Last week’s Ofsted annual report revealed that a growing number of pupils with EHCPs or Statements are now being taught in special schools and other specialist settings, which are commonly renowned for their strong performance in inspections.

However, most pupils are most likely getting a better deal, despite the challenges that beset all stakeholders in the SEND system. Should we attribute this improvement to Ofsted giving greater attention to SEND, or to the knowledge we practitioners share among ourselves, face to face and online? I would hope it’s the latter.

Reviewing the strength of our provision

At Holy Family, a culture of continuous self-improvement will help us reach the outcomes our young people want, and completing a SEND audit has been a useful way to identify priorities for the year ahead.

After stinging criticism from various Ofsted leads over the past five years, Bradford Council, our local authority, has found extra resource for SEND in challenging circumstances – £13.3 million is being removed from the children’s home budget next year. The LA has also provided us with an educational psychologist, who has insight into how other schools are coping with the challenges we face.

With their input, and a combination of self-assessment and external review, we carried out the audit. The resulting document sets out: 

  • features of effective practice
  • our strengths
  • areas for development.

An assessment of these will form the basis of the local area inspection on 6 February. The areas for development reflect what Ofsted found back in January:

‘Teaching assistants are well deployed and are an asset to the school, particularly in their support of pupils who have special educational needs and/or disabilities. They work closely with the teacher and contribute effectively to these pupils’ progress.

‘The leader with responsibility for those pupils who have special educational needs and/or disabilities supplies teachers with detailed and useful information and advice about these pupils. However, teachers are inconsistent in the use they make of this valuable information.

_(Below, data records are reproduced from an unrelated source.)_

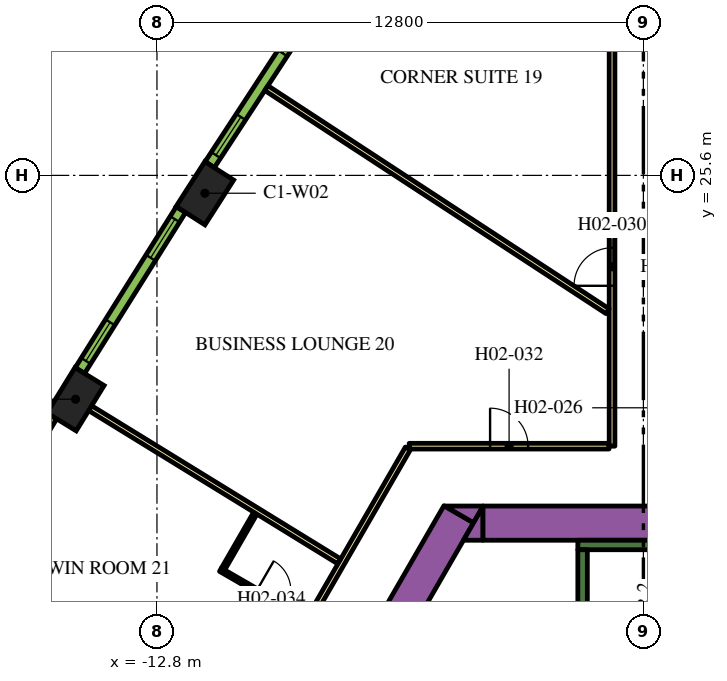
"""IFC4 building model, lengths in metres.
Left out: names, types, materials, properties, quantities, classifications, styles, units other than length and angle.
Written with IfcOpenShell. Run it as: python <this file> out.ifc"""

import sys

from ifc_helpers import new_model, si_unit, direction, frame, frame_2d, origin, origin_2d, place, context, subcontext, project, spatial, polyline, rectangle, outline, extrude, element, fill, save


model = new_model("IFC4")
c1 = context("Model", 3, precision=1e-05, world=origin(), true_north=direction((0.0, 1.0)))
c2 = subcontext(c1, "Body", "Model", "MODEL_VIEW")
j1 = project(units=[si_unit("LENGTHUNIT", "METRE"), si_unit("PLANEANGLEUNIT", "RADIAN")], contexts=[c1])
p1 = place(None, origin())
s1 = spatial("IfcSite", under=j1, at=p1, CompositionType="ELEMENT")
p2 = place(p1, origin())
s2 = spatial("IfcBuilding", under=s1, at=p2, CompositionType="ELEMENT")
p3 = place(p2, frame((0.0, 0.0, 43.2)))
s3 = spatial("IfcBuildingStorey", under=s2, at=p3, CompositionType="ELEMENT", Elevation=43.2)
for number, where, z_axis, x_axis in (
    (1, (-11.539, 25.131, 0.0), (0.0, 0.0, 1.0), (-0.539, -0.842, 0.0)),
    (2, (-14.942, 19.71, 0.0), (0.0, 0.0, 1.0), (-0.524, -0.852, 0.0)),
):
    element("IfcColumn", number, at=place(p3, frame(where, z_axis=z_axis, x_axis=x_axis)), inside=s3, PredefinedType="COLUMN", context=c2, shape_type="SweptSolid", body=[
        extrude(rectangle(XDim=1.4, YDim=0.9, at=origin_2d()), origin(), (0.0, 0.0, 1.0), 3.9),
    ])
p4 = place(p3, frame((-15.36, -1.503, 0.0), z_axis=(0.0, 0.0, 1.0), x_axis=(0.50000389221, 0.866023156604, 0.0)))
e3 = element("IfcWall", 3, at=p4, inside=s3, PredefinedType="SOLIDWALL", context=c2, shape_type="SweptSolid", body=[
    extrude(rectangle(XDim=21.0, YDim=0.9, at=frame_2d((10.5, 0.0))), origin(), (0.0, 0.0, 1.0), 3.9),
])
p5 = place(p3, origin())
e4 = element("IfcWall", 4, at=p5, inside=s3, PredefinedType="SOLIDWALL", context=c2, shape_type="SweptSolid", body=[
    extrude(outline(polyline([(-4.215, 16.9), (-4.469, 16.46), (-5.231, 16.9), (-4.215, 16.9)])), origin(), (0.0, 0.0, 1.0), 3.9),
])
p6 = place(p3, frame((-4.224, 16.45, 0.0), z_axis=(0.0, 0.0, 1.0), x_axis=(1.0, 0.0, 0.0)))
e5 = element("IfcWall", 5, at=p6, inside=s3, PredefinedType="SOLIDWALL", context=c2, shape_type="SweptSolid", body=[
    extrude(rectangle(XDim=9.488, YDim=0.9, at=frame_2d((4.744, 0.0))), origin(), (0.0, 0.0, 1.0), 3.9),
])
e6 = element("IfcWall", 6, at=p5, inside=s3, PredefinedType="SOLIDWALL", context=c2, shape_type="SweptSolid", body=[
    extrude(outline(polyline([(-4.734, 16.0), (-4.226, 16.88), (-4.226, 16.0), (-4.734, 16.0)])), origin(), (0.0, 0.0, 1.0), 3.9),
])
p7 = place(p3, frame((-1.725, 15.875, 0.0), z_axis=(0.0, 0.0, 1.0), x_axis=(1.0, 0.0, 0.0)))
e7 = element("IfcWall", 7, at=p7, inside=s3, PredefinedType="SOLIDWALL", context=c2, shape_type="SweptSolid", body=[
    extrude(rectangle(XDim=3.45, YDim=0.25, at=frame_2d((1.725, 0.0))), origin(), (0.0, 0.0, 1.0), 3.9),
])
p8 = place(p3, frame((-1.6, 8.7, 0.0), z_axis=(0.0, 0.0, 1.0), x_axis=(0.0, 1.0, 0.0)))
e8 = element("IfcWall", 8, at=p8, inside=s3, PredefinedType="SOLIDWALL", context=c2, shape_type="SweptSolid", body=[
    extrude(rectangle(XDim=7.05, YDim=0.25, at=frame_2d((3.525, 0.0))), origin(), (0.0, 0.0, 1.0), 3.9),
])
p9 = place(p3, frame((-0.825, 18.475, 0.0), z_axis=(0.0, 0.0, 1.0), x_axis=(0.0, 1.0, 0.0)))
e9 = element("IfcWall", 9, at=p9, inside=s3, PredefinedType="PARTITIONING", context=c2, shape_type="SweptSolid", body=[
    extrude(rectangle(XDim=16.224, YDim=0.15, at=frame_2d((8.112, 0.0))), origin(), (0.0, 0.0, 1.0), 2.75),
])
p10 = place(p9, frame((4.22, 0.0, 0.0)))
e10 = element("IfcOpeningElement", 10, at=p10, cuts=e9, PredefinedType="OPENING", context=c2, shape_type="SweptSolid", body=[
    extrude(rectangle(XDim=1.0, YDim=2.1, at=frame_2d((0.5, 1.05))), frame((0.0, 0.085, 0.0), z_axis=(0.0, -1.0, 0.0), x_axis=(1.0, 0.0, 0.0)), (0.0, 0.0, 1.0), 0.17),
])
p11 = place(p3, frame((-6.163, 18.475, 0.0), z_axis=(0.0, 0.0, 1.0), x_axis=(1.0, 0.0, 0.0)))
e11 = element("IfcWall", 11, at=p11, inside=s3, PredefinedType="PARTITIONING", context=c2, shape_type="SweptSolid", body=[
    extrude(rectangle(XDim=5.258, YDim=0.15, at=frame_2d((2.629, 0.0))), origin(), (0.0, 0.0, 1.0), 2.75),
])
p12 = place(p11, frame((2.129, 0.0, 0.0)))
e12 = element("IfcOpeningElement", 12, at=p12, cuts=e11, PredefinedType="OPENING", context=c2, shape_type="SweptSolid", body=[
    extrude(rectangle(XDim=1.0, YDim=2.1, at=frame_2d((0.5, 1.05))), frame((0.0, 0.085, 0.0), z_axis=(0.0, -1.0, 0.0), x_axis=(1.0, 0.0, 0.0)), (0.0, 0.0, 1.0), 0.17),
])
p13 = place(p3, frame((-19.081, -3.9, 0.0), z_axis=(0.0, 0.0, 1.0), x_axis=(0.499998313975, 0.866026377209, 0.0)))
e13 = element("IfcWall", 13, at=p13, inside=s3, PredefinedType="PARTITIONING", context=c2, shape_type="SweptSolid", body=[
    extrude(rectangle(XDim=25.766, YDim=0.15, at=frame_2d((12.883, 0.0))), origin(), (0.0, 0.0, 1.0), 2.75),
])
p14 = place(p13, frame((16.196, 0.0, 0.0)))
e14 = element("IfcOpeningElement", 14, at=p14, cuts=e13, PredefinedType="OPENING", context=c2, shape_type="SweptSolid", body=[
    extrude(rectangle(XDim=1.0, YDim=2.1, at=frame_2d((0.5, 1.05))), frame((0.0, 0.085, 0.0), z_axis=(0.0, -1.0, 0.0), x_axis=(1.0, 0.0, 0.0)), (0.0, 0.0, 1.0), 0.17),
])
p15 = place(p13, frame((14.889, 0.0, 0.0)))
e15 = element("IfcOpeningElement", 15, at=p15, cuts=e13, PredefinedType="OPENING", context=c2, shape_type="SweptSolid", body=[
    extrude(rectangle(XDim=1.0, YDim=2.1, at=frame_2d((0.5, 1.05))), frame((0.0, 0.085, 0.0), z_axis=(0.0, -1.0, 0.0), x_axis=(1.0, 0.0, 0.0)), (0.0, 0.0, 1.0), 0.17),
])
p16 = place(p13, frame((3.698, 0.0, 0.0)))
e16 = element("IfcOpeningElement", 16, at=p16, cuts=e13, PredefinedType="OPENING", context=c2, shape_type="SweptSolid", body=[
    extrude(rectangle(XDim=1.1, YDim=2.1, at=frame_2d((0.55, 1.05))), frame((0.0, 0.085, 0.0), z_axis=(0.0, -1.0, 0.0), x_axis=(1.0, 0.0, 0.0)), (0.0, 0.0, 1.0), 0.17),
])
p17 = place(p13, frame((2.392, 0.0, 0.0)))
e17 = element("IfcOpeningElement", 17, at=p17, cuts=e13, PredefinedType="OPENING", context=c2, shape_type="SweptSolid", body=[
    extrude(rectangle(XDim=1.0, YDim=2.1, at=frame_2d((0.5, 1.05))), frame((0.0, 0.085, 0.0), z_axis=(0.0, -1.0, 0.0), x_axis=(1.0, 0.0, 0.0)), (0.0, 0.0, 1.0), 0.17),
])
p18 = place(p3, frame((-14.558, 19.475, 0.0), z_axis=(0.0, 0.0, 1.0), x_axis=(0.851829455142, -0.523819223925, 0.0)))
e18 = element("IfcWall", 18, at=p18, inside=s3, PredefinedType="PARTITIONING", context=c2, shape_type="SweptSolid", body=[
    extrude(rectangle(XDim=7.688, YDim=0.15, at=frame_2d((3.844, 0.0))), origin(), (0.0, 0.0, 1.0), 2.75),
])
p19 = place(p3, frame((-9.922, 27.896, 0.0), z_axis=(0.0, 0.0, 1.0), x_axis=(0.836970816595, -0.547247523675, 0.0)))
e19 = element("IfcWall", 19, at=p19, inside=s3, PredefinedType="PARTITIONING", context=c2, shape_type="SweptSolid", body=[
    extrude(rectangle(XDim=10.729, YDim=0.15, at=frame_2d((5.364, 0.0))), origin(), (0.0, 0.0, 1.0), 2.75),
])
p20 = place(p3, frame((-11.129, 15.224, 0.0), z_axis=(0.0, 0.0, 1.0), x_axis=(0.866021400173, -0.500006934395, 0.0)))
e20 = element("IfcWall", 20, at=p20, inside=s3, PredefinedType="PARTITIONING", context=c2, shape_type="SweptSolid", body=[
    extrude(rectangle(XDim=2.6, YDim=0.1, at=frame_2d((1.3, 0.0))), origin(), (0.0, 0.0, 1.0), 2.75),
])
p21 = place(p20, frame((1.1, 0.0, 0.0)))
e21 = element("IfcOpeningElement", 21, at=p21, cuts=e20, PredefinedType="OPENING", context=c2, shape_type="SweptSolid", body=[
    extrude(rectangle(XDim=0.9, YDim=2.1, at=frame_2d((0.45, 1.05))), frame((0.0, 0.06, 0.0), z_axis=(0.0, -1.0, 0.0), x_axis=(1.0, 0.0, 0.0)), (0.0, 0.0, 1.0), 0.12),
])
p22 = place(p3, frame((-11.061, 15.242, 0.0), z_axis=(0.0, 0.0, 1.0), x_axis=(0.499976720371, 0.866038843867, 0.0)))
e22 = element("IfcWall", 22, at=p22, inside=s3, PredefinedType="PARTITIONING", context=c2, shape_type="SweptSolid", body=[
    extrude(rectangle(XDim=1.69, YDim=0.1, at=frame_2d((0.845, 0.0))), origin(), (0.0, 0.0, 1.0), 2.75),
])
p23 = place(p3, frame((-8.676, 30.068, 0.0), z_axis=(0.0, 0.0, 1.0), x_axis=(-0.547204617628, -0.836998868845, 0.0)))
e23 = element("IfcWall", 23, at=p23, inside=s3, PredefinedType="SOLIDWALL", context=c2, shape_type="SweptSolid", body=[
    extrude(rectangle(XDim=4.998, YDim=0.29, at=frame_2d((2.499, 0.0))), origin(), (0.0, 0.0, 1.0), 3.65),
])
p24 = place(p23, frame((0.297, 0.0, 0.9)))
e24 = element("IfcOpeningElement", 24, at=p24, cuts=e23, PredefinedType="OPENING", context=c2, shape_type="SweptSolid", body=[
    extrude(rectangle(XDim=1.2, YDim=2.15, at=frame_2d((0.6, 1.075))), frame((0.0, 0.155, 0.0), z_axis=(0.0, -1.0, 0.0), x_axis=(1.0, 0.0, 0.0)), (0.0, 0.0, 1.0), 0.31),
])
p25 = place(p23, frame((3.501, 0.0, 0.9)))
e25 = element("IfcOpeningElement", 25, at=p25, cuts=e23, PredefinedType="OPENING", context=c2, shape_type="SweptSolid", body=[
    extrude(rectangle(XDim=1.2, YDim=2.15, at=frame_2d((0.6, 1.075))), frame((0.0, 0.155, 0.0), z_axis=(0.0, -1.0, 0.0), x_axis=(1.0, 0.0, 0.0)), (0.0, 0.0, 1.0), 0.31),
])
p26 = place(p3, frame((-12.17, 24.699, 0.0), z_axis=(0.0, 0.0, 1.0), x_axis=(-0.531688286542, -0.846940119462, 0.0)))
e26 = element("IfcWall", 26, at=p26, inside=s3, PredefinedType="SOLIDWALL", context=c2, shape_type="SweptSolid", body=[
    extrude(rectangle(XDim=4.998, YDim=0.29, at=frame_2d((2.499, 0.0))), origin(), (0.0, 0.0, 1.0), 3.65),
])
p27 = place(p26, frame((0.297, 0.0, 0.9)))
e27 = element("IfcOpeningElement", 27, at=p27, cuts=e26, PredefinedType="OPENING", context=c2, shape_type="SweptSolid", body=[
    extrude(rectangle(XDim=1.2, YDim=2.15, at=frame_2d((0.6, 1.075))), frame((0.0, 0.155, 0.0), z_axis=(0.0, -1.0, 0.0), x_axis=(1.0, 0.0, 0.0)), (0.0, 0.0, 1.0), 0.31),
])
p28 = place(p26, frame((3.501, 0.0, 0.9)))
e28 = element("IfcOpeningElement", 28, at=p28, cuts=e26, PredefinedType="OPENING", context=c2, shape_type="SweptSolid", body=[
    extrude(rectangle(XDim=1.2, YDim=2.15, at=frame_2d((0.6, 1.075))), frame((0.0, 0.155, 0.0), z_axis=(0.0, -1.0, 0.0), x_axis=(1.0, 0.0, 0.0)), (0.0, 0.0, 1.0), 0.31),
])
p29 = place(p3, frame((-15.564, 19.267, 0.0), z_axis=(0.0, 0.0, 1.0), x_axis=(-0.515938796285, -0.856625448191, 0.0)))
e29 = element("IfcWall", 29, at=p29, inside=s3, PredefinedType="SOLIDWALL", context=c2, shape_type="SweptSolid", body=[
    extrude(rectangle(XDim=4.998, YDim=0.29, at=frame_2d((2.499, 0.0))), origin(), (0.0, 0.0, 1.0), 3.65),
])
p30 = place(p29, frame((0.297, 0.0, 0.9)))
e30 = element("IfcOpeningElement", 30, at=p30, cuts=e29, PredefinedType="OPENING", context=c2, shape_type="SweptSolid", body=[
    extrude(rectangle(XDim=1.2, YDim=2.15, at=frame_2d((0.6, 1.075))), frame((0.0, 0.155, 0.0), z_axis=(0.0, -1.0, 0.0), x_axis=(1.0, 0.0, 0.0)), (0.0, 0.0, 1.0), 0.31),
])
p31 = place(p29, frame((3.501, 0.0, 0.9)))
e31 = element("IfcOpeningElement", 31, at=p31, cuts=e29, PredefinedType="OPENING", context=c2, shape_type="SweptSolid", body=[
    extrude(rectangle(XDim=1.2, YDim=2.15, at=frame_2d((0.6, 1.075))), frame((0.0, 0.155, 0.0), z_axis=(0.0, -1.0, 0.0), x_axis=(1.0, 0.0, 0.0)), (0.0, 0.0, 1.0), 0.31),
])
p32 = place(p10, origin())
e32 = element("IfcDoor", 32, at=p32, inside=s3, OperationType="SINGLE_SWING_LEFT", PredefinedType="DOOR", context=c2, shape_type="SweptSolid", body=[
    extrude(rectangle(XDim=1.0, YDim=2.1, at=frame_2d((0.5, 1.05))), frame((0.0, 0.025, 0.0), z_axis=(0.0, -1.0, 0.0), x_axis=(1.0, 0.0, 0.0)), (0.0, 0.0, 1.0), 0.05),
])
fill(e10, e32)
p33 = place(p12, origin())
e33 = element("IfcDoor", 33, at=p33, inside=s3, OperationType="SINGLE_SWING_RIGHT", PredefinedType="DOOR", context=c2, shape_type="SweptSolid", body=[
    extrude(rectangle(XDim=1.0, YDim=2.1, at=frame_2d((0.5, 1.05))), frame((0.0, 0.025, 0.0), z_axis=(0.0, -1.0, 0.0), x_axis=(1.0, 0.0, 0.0)), (0.0, 0.0, 1.0), 0.05),
])
fill(e12, e33)
p34 = place(p21, origin())
e34 = element("IfcDoor", 34, at=p34, inside=s3, OperationType="SINGLE_SWING_RIGHT", PredefinedType="DOOR", context=c2, shape_type="SweptSolid", body=[
    extrude(rectangle(XDim=0.9, YDim=2.1, at=frame_2d((0.45, 1.05))), frame((0.0, 0.025, 0.0), z_axis=(0.0, -1.0, 0.0), x_axis=(1.0, 0.0, 0.0)), (0.0, 0.0, 1.0), 0.05),
])
fill(e21, e34)
p35 = place(p24, origin())
e35 = element("IfcWindow", 35, at=p35, inside=s3, PartitioningType="DOUBLE_PANEL_VERTICAL", PredefinedType="WINDOW", context=c2, shape_type="SweptSolid", body=[
    extrude(rectangle(XDim=1.2, YDim=2.15, at=frame_2d((0.6, 1.075))), frame((0.0, 0.015, 0.0), z_axis=(0.0, -1.0, 0.0), x_axis=(1.0, 0.0, 0.0)), (0.0, 0.0, 1.0), 0.06),
])
fill(e24, e35)
p36 = place(p25, origin())
e36 = element("IfcWindow", 36, at=p36, inside=s3, PartitioningType="DOUBLE_PANEL_VERTICAL", PredefinedType="WINDOW", context=c2, shape_type="SweptSolid", body=[
    extrude(rectangle(XDim=1.2, YDim=2.15, at=frame_2d((0.6, 1.075))), frame((0.0, 0.015, 0.0), z_axis=(0.0, -1.0, 0.0), x_axis=(1.0, 0.0, 0.0)), (0.0, 0.0, 1.0), 0.06),
])
fill(e25, e36)
p37 = place(p27, origin())
e37 = element("IfcWindow", 37, at=p37, inside=s3, PartitioningType="DOUBLE_PANEL_VERTICAL", PredefinedType="WINDOW", context=c2, shape_type="SweptSolid", body=[
    extrude(rectangle(XDim=1.2, YDim=2.15, at=frame_2d((0.6, 1.075))), frame((0.0, 0.015, 0.0), z_axis=(0.0, -1.0, 0.0), x_axis=(1.0, 0.0, 0.0)), (0.0, 0.0, 1.0), 0.06),
])
fill(e27, e37)
p38 = place(p28, origin())
e38 = element("IfcWindow", 38, at=p38, inside=s3, PartitioningType="DOUBLE_PANEL_VERTICAL", PredefinedType="WINDOW", context=c2, shape_type="SweptSolid", body=[
    extrude(rectangle(XDim=1.2, YDim=2.15, at=frame_2d((0.6, 1.075))), frame((0.0, 0.015, 0.0), z_axis=(0.0, -1.0, 0.0), x_axis=(1.0, 0.0, 0.0)), (0.0, 0.0, 1.0), 0.06),
])
fill(e28, e38)
save(model, sys.argv[1])

‘As a result, those pupils who have special educational needs and/or disabilities whose needs are catered for by the school do not make the progress that they could.’

Refining our practice

Our main goal is to continue to improve our analysis of data, and with that the impact of our interventions. I still feel that our staff are uncertain about the amount of progress pupils with SEND can be expected to make, particularly in Key Stage 3.

The data we collect from classroom teachers may be best inputted by our SEND centre, known as ‘the bridge’, as quite often these pupils have fractured timetables, their time split between mainstream and smaller classes.

Enhancing roles

Our school leaders have a responsibility to promote a corporate responsibility for SEND, with all members of teaching and support staff, and parents on board.

By introducing key workers for SEND – a first port of call among the myriad names parents will find on our school website – we initially thought we were ahead of the game. But given Ofsted’s shifting priorities, we have since decided to refine our approach.

These key workers are now ‘progress advocates’, who spend as much time talking about verbs or algebra as they do about packing bags or how to calm down at lunchtime. We took concepts from the Education Endowment Fund, like pre-learning and over-teaching, and embedded them in job descriptions so that responsibility for academic progress is now shared by teacher and key worker.

Parental engagement is intrinsic to whole-school SEND. Following consultation, we have moved the time of our parent forums from Saturday morning to mid-afternoon. This may or may not have the desired effect, but it’s just one step in our ongoing effort to work more closely with parents of pupils with SEND.

Finally, we are looking carefully at how we can acknowledge the difference our TAs make on a daily basis, through millions of small but meaningful interactions. Following discussion among the SLT, we have decided to spend our SEND budget on training our existing TAs to provide, among other things, more effective small-group interventions.

Improving teaching and learning

From January onwards, our SENCO will become a part of the learning walks we use to evaluate and improve pedagogy. We already use individual pupil passports and SEND strategy sheets, as well as scrutinising SEND books on a six-week basis.

But after Ofsted challenged our presumption that all teachers were actively using these to support lessons, we’re now looking for the SENCO to actively support high quality teaching. This means coordinating key workers and making sure that teachers implement the graduated approach.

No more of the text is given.